Actual steel section
Sc = a * b,
where a is the width of the rod, b is the thickness of the magnetic circuit according to Figure 2 or 3.
Actual cross-sectional area of the core window
So = h * c,
where h is the height of the window, c is the width of the window according to Figure 2 or 3.

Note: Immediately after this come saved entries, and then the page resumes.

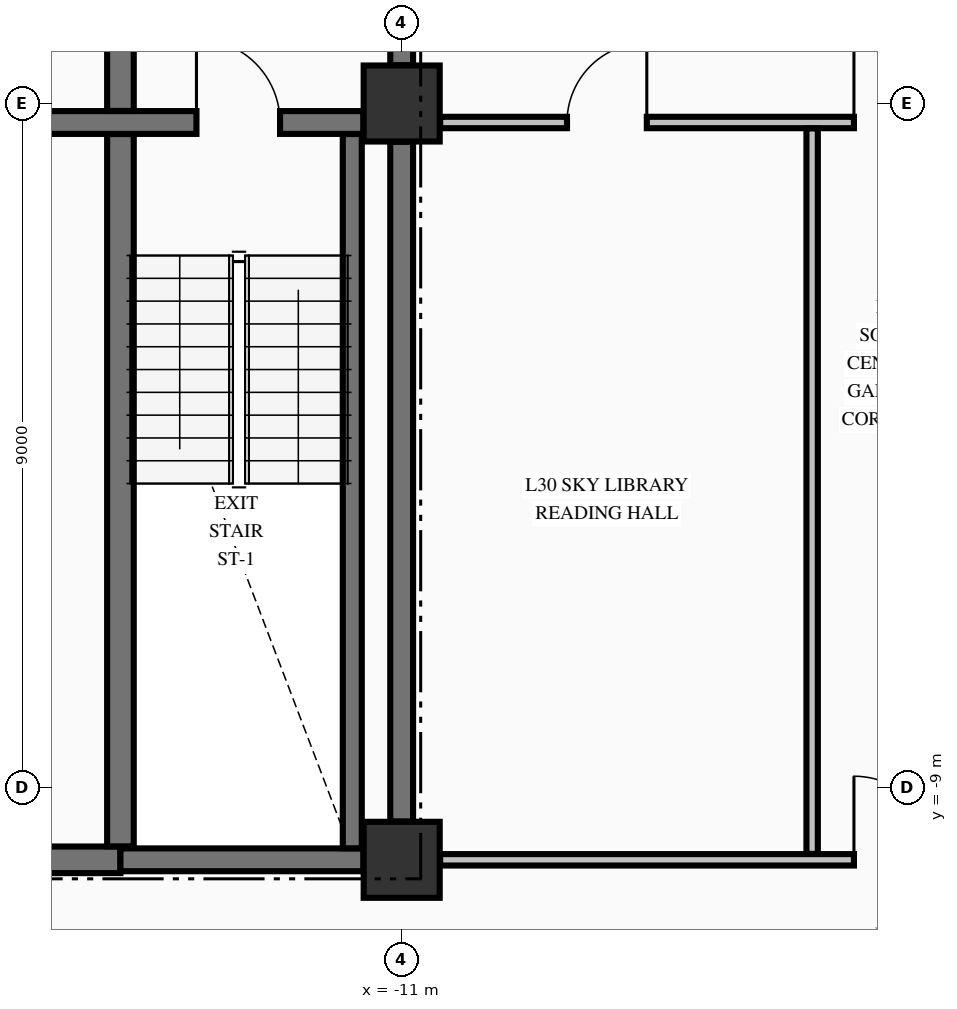
"""IFC4 building model, lengths in metres.
Left out: names, types, materials, properties, quantities, classifications, styles, units other than length and angle.
Written with IfcOpenShell. Run it as: python <this file> out.ifc"""

import sys

from ifc_helpers import new_model, si_unit, direction, frame, frame_2d, origin, origin_2d, place, context, subcontext, project, spatial, rectangle, extrude, element, fill, save


model = new_model("IFC4")
c1 = context("Model", 3, precision=1e-05, world=origin(), true_north=direction((0.0, 1.0)))
c2 = subcontext(c1, "Body", "Model", "MODEL_VIEW")
j1 = project(units=[si_unit("LENGTHUNIT", "METRE"), si_unit("PLANEANGLEUNIT", "RADIAN")], contexts=[c1])
p1 = place(None, origin())
s1 = spatial("IfcSite", under=j1, at=p1, CompositionType="ELEMENT")
p2 = place(p1, origin())
s2 = spatial("IfcBuilding", under=s1, at=p2, CompositionType="ELEMENT")
p3 = place(p2, frame((0.0, 0.0, 121.35)))
s3 = spatial("IfcBuildingStorey", under=s2, at=p3, CompositionType="ELEMENT", Elevation=121.35)
for number, where, z_axis, x_axis in (
    (1, (-11.0, -9.95, -0.425), (0.0, 0.0, 1.0), (1.0, 0.0, 0.0)),
    (2, (-11.0, 0.0, -0.425), (0.0, 0.0, 1.0), (1.0, 0.0, 0.0)),
):
    element("IfcColumn", number, at=place(p3, frame(where, z_axis=z_axis, x_axis=x_axis)), inside=s3, PredefinedType="COLUMN", context=c2, shape_type="SweptSolid", body=[
        extrude(rectangle(XDim=1.0, YDim=1.0, at=origin_2d()), origin(), (0.0, 0.0, 1.0), 3.745),
    ])
p4 = place(p3, frame((-19.496, -9.95, 0.0), z_axis=(0.0, 0.0, 1.0), x_axis=(1.0, 0.0, 0.0)))
e3 = element("IfcWall", 3, at=p4, inside=s3, PredefinedType="SHEAR", context=c2, shape_type="SweptSolid", body=[
    extrude(rectangle(XDim=4.796, YDim=0.35, at=frame_2d((2.398, 0.0))), origin(), (0.0, 0.0, 1.0), 3.32),
])
p5 = place(p4, frame((0.671, 0.0, 0.0)))
e4 = element("IfcOpeningElement", 4, at=p5, cuts=e3, PredefinedType="OPENING", context=c2, shape_type="SweptSolid", body=[
    extrude(rectangle(XDim=1.05, YDim=2.15, at=frame_2d((0.525, 1.075))), frame((0.0, 0.185, 0.0), z_axis=(0.0, -1.0, 0.0), x_axis=(1.0, 0.0, 0.0)), (0.0, 0.0, 1.0), 0.37),
])
p6 = place(p3, frame((-14.7, -9.95, 0.0), z_axis=(0.0, 0.0, 1.0), x_axis=(1.0, 0.0, 0.0)))
e5 = element("IfcWall", 5, at=p6, inside=s3, PredefinedType="SHEAR", context=c2, shape_type="SweptSolid", body=[
    extrude(rectangle(XDim=3.196, YDim=0.3, at=frame_2d((1.598, 0.0))), origin(), (0.0, 0.0, 1.0), 3.32),
])
p7 = place(p3, frame((-19.496, -0.25, 0.0), z_axis=(0.0, 0.0, 1.0), x_axis=(1.0, 0.0, 0.0)))
e6 = element("IfcWall", 6, at=p7, inside=s3, PredefinedType="SHEAR", context=c2, shape_type="SweptSolid", body=[
    extrude(rectangle(XDim=7.992, YDim=0.3, at=frame_2d((3.996, 0.0))), origin(), (0.0, 0.0, 1.0), 3.32),
])
p8 = place(p7, frame((5.796, 0.0, 0.0)))
e7 = element("IfcOpeningElement", 7, at=p8, cuts=e6, PredefinedType="OPENING", context=c2, shape_type="SweptSolid", body=[
    extrude(rectangle(XDim=1.1, YDim=2.15, at=frame_2d((0.55, 1.075))), frame((0.0, 0.16, 0.0), z_axis=(0.0, -1.0, 0.0), x_axis=(1.0, 0.0, 0.0)), (0.0, 0.0, 1.0), 0.32),
])
p9 = place(p3, frame((-10.494, -9.95, 0.0), z_axis=(0.0, 0.0, 1.0), x_axis=(1.0, 0.0, 0.0)))
e8 = element("IfcWall", 8, at=p9, inside=s3, PredefinedType="PARTITIONING", context=c2, shape_type="SweptSolid", body=[
    extrude(rectangle(XDim=20.988, YDim=0.15, at=frame_2d((10.494, 0.0))), origin(), (0.0, 0.0, 1.0), 3.32),
])
p10 = place(p9, frame((5.444, 0.0, 0.0)))
e9 = element("IfcOpeningElement", 9, at=p10, cuts=e8, PredefinedType="OPENING", context=c2, shape_type="SweptSolid", body=[
    extrude(rectangle(XDim=1.1, YDim=2.15, at=frame_2d((0.55, 1.075))), frame((0.0, 0.085, 0.0), z_axis=(0.0, -1.0, 0.0), x_axis=(1.0, 0.0, 0.0)), (0.0, 0.0, 1.0), 0.17),
])
p11 = place(p9, frame((13.619, 0.0, 0.0)))
e10 = element("IfcOpeningElement", 10, at=p11, cuts=e8, PredefinedType="OPENING", context=c2, shape_type="SweptSolid", body=[
    extrude(rectangle(XDim=0.95, YDim=2.15, at=frame_2d((0.475, 1.075))), frame((0.0, 0.085, 0.0), z_axis=(0.0, -1.0, 0.0), x_axis=(1.0, 0.0, 0.0)), (0.0, 0.0, 1.0), 0.17),
])
p12 = place(p9, frame((17.844, 0.0, 0.0)))
e11 = element("IfcOpeningElement", 11, at=p12, cuts=e8, PredefinedType="OPENING", context=c2, shape_type="SweptSolid", body=[
    extrude(rectangle(XDim=0.9, YDim=2.15, at=frame_2d((0.45, 1.075))), frame((0.0, 0.085, 0.0), z_axis=(0.0, -1.0, 0.0), x_axis=(1.0, 0.0, 0.0)), (0.0, 0.0, 1.0), 0.17),
])
p13 = place(p3, frame((-10.494, -0.25, 0.0), z_axis=(0.0, 0.0, 1.0), x_axis=(1.0, 0.0, 0.0)))
e12 = element("IfcWall", 12, at=p13, inside=s3, PredefinedType="PARTITIONING", context=c2, shape_type="SweptSolid", body=[
    extrude(rectangle(XDim=20.988, YDim=0.15, at=frame_2d((10.494, 0.0))), origin(), (0.0, 0.0, 1.0), 3.32),
])
p14 = place(p13, frame((5.444, 0.0, 0.0)))
e13 = element("IfcOpeningElement", 13, at=p14, cuts=e12, PredefinedType="OPENING", context=c2, shape_type="SweptSolid", body=[
    extrude(rectangle(XDim=1.1, YDim=2.15, at=frame_2d((0.55, 1.075))), frame((0.0, 0.085, 0.0), z_axis=(0.0, -1.0, 0.0), x_axis=(1.0, 0.0, 0.0)), (0.0, 0.0, 1.0), 0.17),
])
p15 = place(p13, frame((1.669, 0.0, 0.0)))
e14 = element("IfcOpeningElement", 14, at=p15, cuts=e12, PredefinedType="OPENING", context=c2, shape_type="SweptSolid", body=[
    extrude(rectangle(XDim=1.05, YDim=2.15, at=frame_2d((0.525, 1.075))), frame((0.0, 0.085, 0.0), z_axis=(0.0, -1.0, 0.0), x_axis=(1.0, 0.0, 0.0)), (0.0, 0.0, 1.0), 0.17),
])
p16 = place(p13, frame((13.819, 0.0, 0.0)))
e15 = element("IfcOpeningElement", 15, at=p16, cuts=e12, PredefinedType="OPENING", context=c2, shape_type="SweptSolid", body=[
    extrude(rectangle(XDim=0.95, YDim=2.15, at=frame_2d((0.475, 1.075))), frame((0.0, 0.085, 0.0), z_axis=(0.0, -1.0, 0.0), x_axis=(1.0, 0.0, 0.0)), (0.0, 0.0, 1.0), 0.17),
])
p17 = place(p3, frame((-14.7, -9.773, 0.0), z_axis=(0.0, 0.0, 1.0), x_axis=(0.0, 1.0, 0.0)))
e16 = element("IfcWall", 16, at=p17, inside=s3, PredefinedType="SHEAR", context=c2, shape_type="SweptSolid", body=[
    extrude(rectangle(XDim=9.371, YDim=0.35, at=frame_2d((4.686, 0.0))), origin(), (0.0, 0.0, 1.0), 3.32),
])
p18 = place(p3, frame((-14.7, -0.098, 0.0), z_axis=(0.0, 0.0, 1.0), x_axis=(0.0, 1.0, 0.0)))
e17 = element("IfcWall", 17, at=p18, inside=s3, PredefinedType="SHEAR", context=c2, shape_type="SweptSolid", body=[
    extrude(rectangle(XDim=2.846, YDim=0.35, at=frame_2d((1.423, 0.0))), origin(), (0.0, 0.0, 1.0), 3.32),
])
p19 = place(p3, frame((-11.65, -9.798, 0.0), z_axis=(0.0, 0.0, 1.0), x_axis=(0.0, 1.0, 0.0)))
e18 = element("IfcWall", 18, at=p19, inside=s3, PredefinedType="SOLIDWALL", context=c2, shape_type="SweptSolid", body=[
    extrude(rectangle(XDim=9.396, YDim=0.25, at=frame_2d((4.698, 0.0))), origin(), (0.0, 0.0, 1.0), 3.32),
])
p20 = place(p3, frame((-11.0, -9.446, 0.0), z_axis=(0.0, 0.0, 1.0), x_axis=(0.0, 1.0, 0.0)))
e19 = element("IfcWall", 19, at=p20, inside=s3, PredefinedType="SHEAR", context=c2, shape_type="SweptSolid", body=[
    extrude(rectangle(XDim=8.942, YDim=0.3, at=frame_2d((4.471, 0.0))), origin(), (0.0, 0.0, 1.0), 3.32),
])
p21 = place(p3, frame((-11.0, 0.504, 0.0), z_axis=(0.0, 0.0, 1.0), x_axis=(0.0, 1.0, 0.0)))
e20 = element("IfcWall", 20, at=p21, inside=s3, PredefinedType="SHEAR", context=c2, shape_type="SweptSolid", body=[
    extrude(rectangle(XDim=2.244, YDim=0.3, at=frame_2d((1.122, 0.0))), origin(), (0.0, 0.0, 1.0), 3.32),
])
p22 = place(p21, frame((0.596, 0.0, 0.0)))
e21 = element("IfcOpeningElement", 21, at=p22, cuts=e20, PredefinedType="OPENING", context=c2, shape_type="SweptSolid", body=[
    extrude(rectangle(XDim=1.1, YDim=2.15, at=frame_2d((0.55, 1.075))), frame((0.0, 0.16, 0.0), z_axis=(0.0, -1.0, 0.0), x_axis=(1.0, 0.0, 0.0)), (0.0, 0.0, 1.0), 0.32),
])
p23 = place(p3, frame((-5.6, -9.872, 0.0), z_axis=(0.0, 0.0, 1.0), x_axis=(0.0, 1.0, 0.0)))
e22 = element("IfcWall", 22, at=p23, inside=s3, PredefinedType="PARTITIONING", context=c2, shape_type="SweptSolid", body=[
    extrude(rectangle(XDim=9.544, YDim=0.15, at=frame_2d((4.772, 0.0))), origin(), (0.0, 0.0, 1.0), 3.32),
])
p24 = place(p8, origin())
e23 = element("IfcDoor", 23, at=p24, inside=s3, OperationType="SINGLE_SWING_LEFT", PredefinedType="DOOR", context=c2, shape_type="SweptSolid", body=[
    extrude(rectangle(XDim=1.1, YDim=2.15, at=frame_2d((0.55, 1.075))), frame((0.0, 0.025, 0.0), z_axis=(0.0, -1.0, 0.0), x_axis=(1.0, 0.0, 0.0)), (0.0, 0.0, 1.0), 0.05),
])
fill(e7, e23)
p25 = place(p10, origin())
e24 = element("IfcDoor", 24, at=p25, inside=s3, OperationType="SINGLE_SWING_LEFT", PredefinedType="DOOR", context=c2, shape_type="SweptSolid", body=[
    extrude(rectangle(XDim=1.1, YDim=2.15, at=frame_2d((0.55, 1.075))), frame((0.0, 0.025, 0.0), z_axis=(0.0, -1.0, 0.0), x_axis=(1.0, 0.0, 0.0)), (0.0, 0.0, 1.0), 0.05),
])
fill(e9, e24)
p26 = place(p14, origin())
e25 = element("IfcDoor", 25, at=p26, inside=s3, OperationType="SINGLE_SWING_LEFT", PredefinedType="DOOR", context=c2, shape_type="SweptSolid", body=[
    extrude(rectangle(XDim=1.1, YDim=2.15, at=frame_2d((0.55, 1.075))), frame((0.0, 0.025, 0.0), z_axis=(0.0, -1.0, 0.0), x_axis=(1.0, 0.0, 0.0)), (0.0, 0.0, 1.0), 0.05),
])
fill(e13, e25)
p27 = place(p15, origin())
e26 = element("IfcDoor", 26, at=p27, inside=s3, OperationType="SINGLE_SWING_RIGHT", PredefinedType="DOOR", context=c2, shape_type="SweptSolid", body=[
    extrude(rectangle(XDim=1.05, YDim=2.15, at=frame_2d((0.525, 1.075))), frame((0.0, 0.025, 0.0), z_axis=(0.0, -1.0, 0.0), x_axis=(1.0, 0.0, 0.0)), (0.0, 0.0, 1.0), 0.05),
])
fill(e14, e26)
save(model, sys.argv[1])

The value of the rated current of the primary winding
P1 = U1 * I1
where I1 is the current in the primary winding (A).
Rated current in windings
I = Spr * j,
where Spr – wire cross-section (mm²).
Winding wire cross-section
Spr = 3.14 * R²,
where I is the current in the winding (A), R is the radius of the wire (mm).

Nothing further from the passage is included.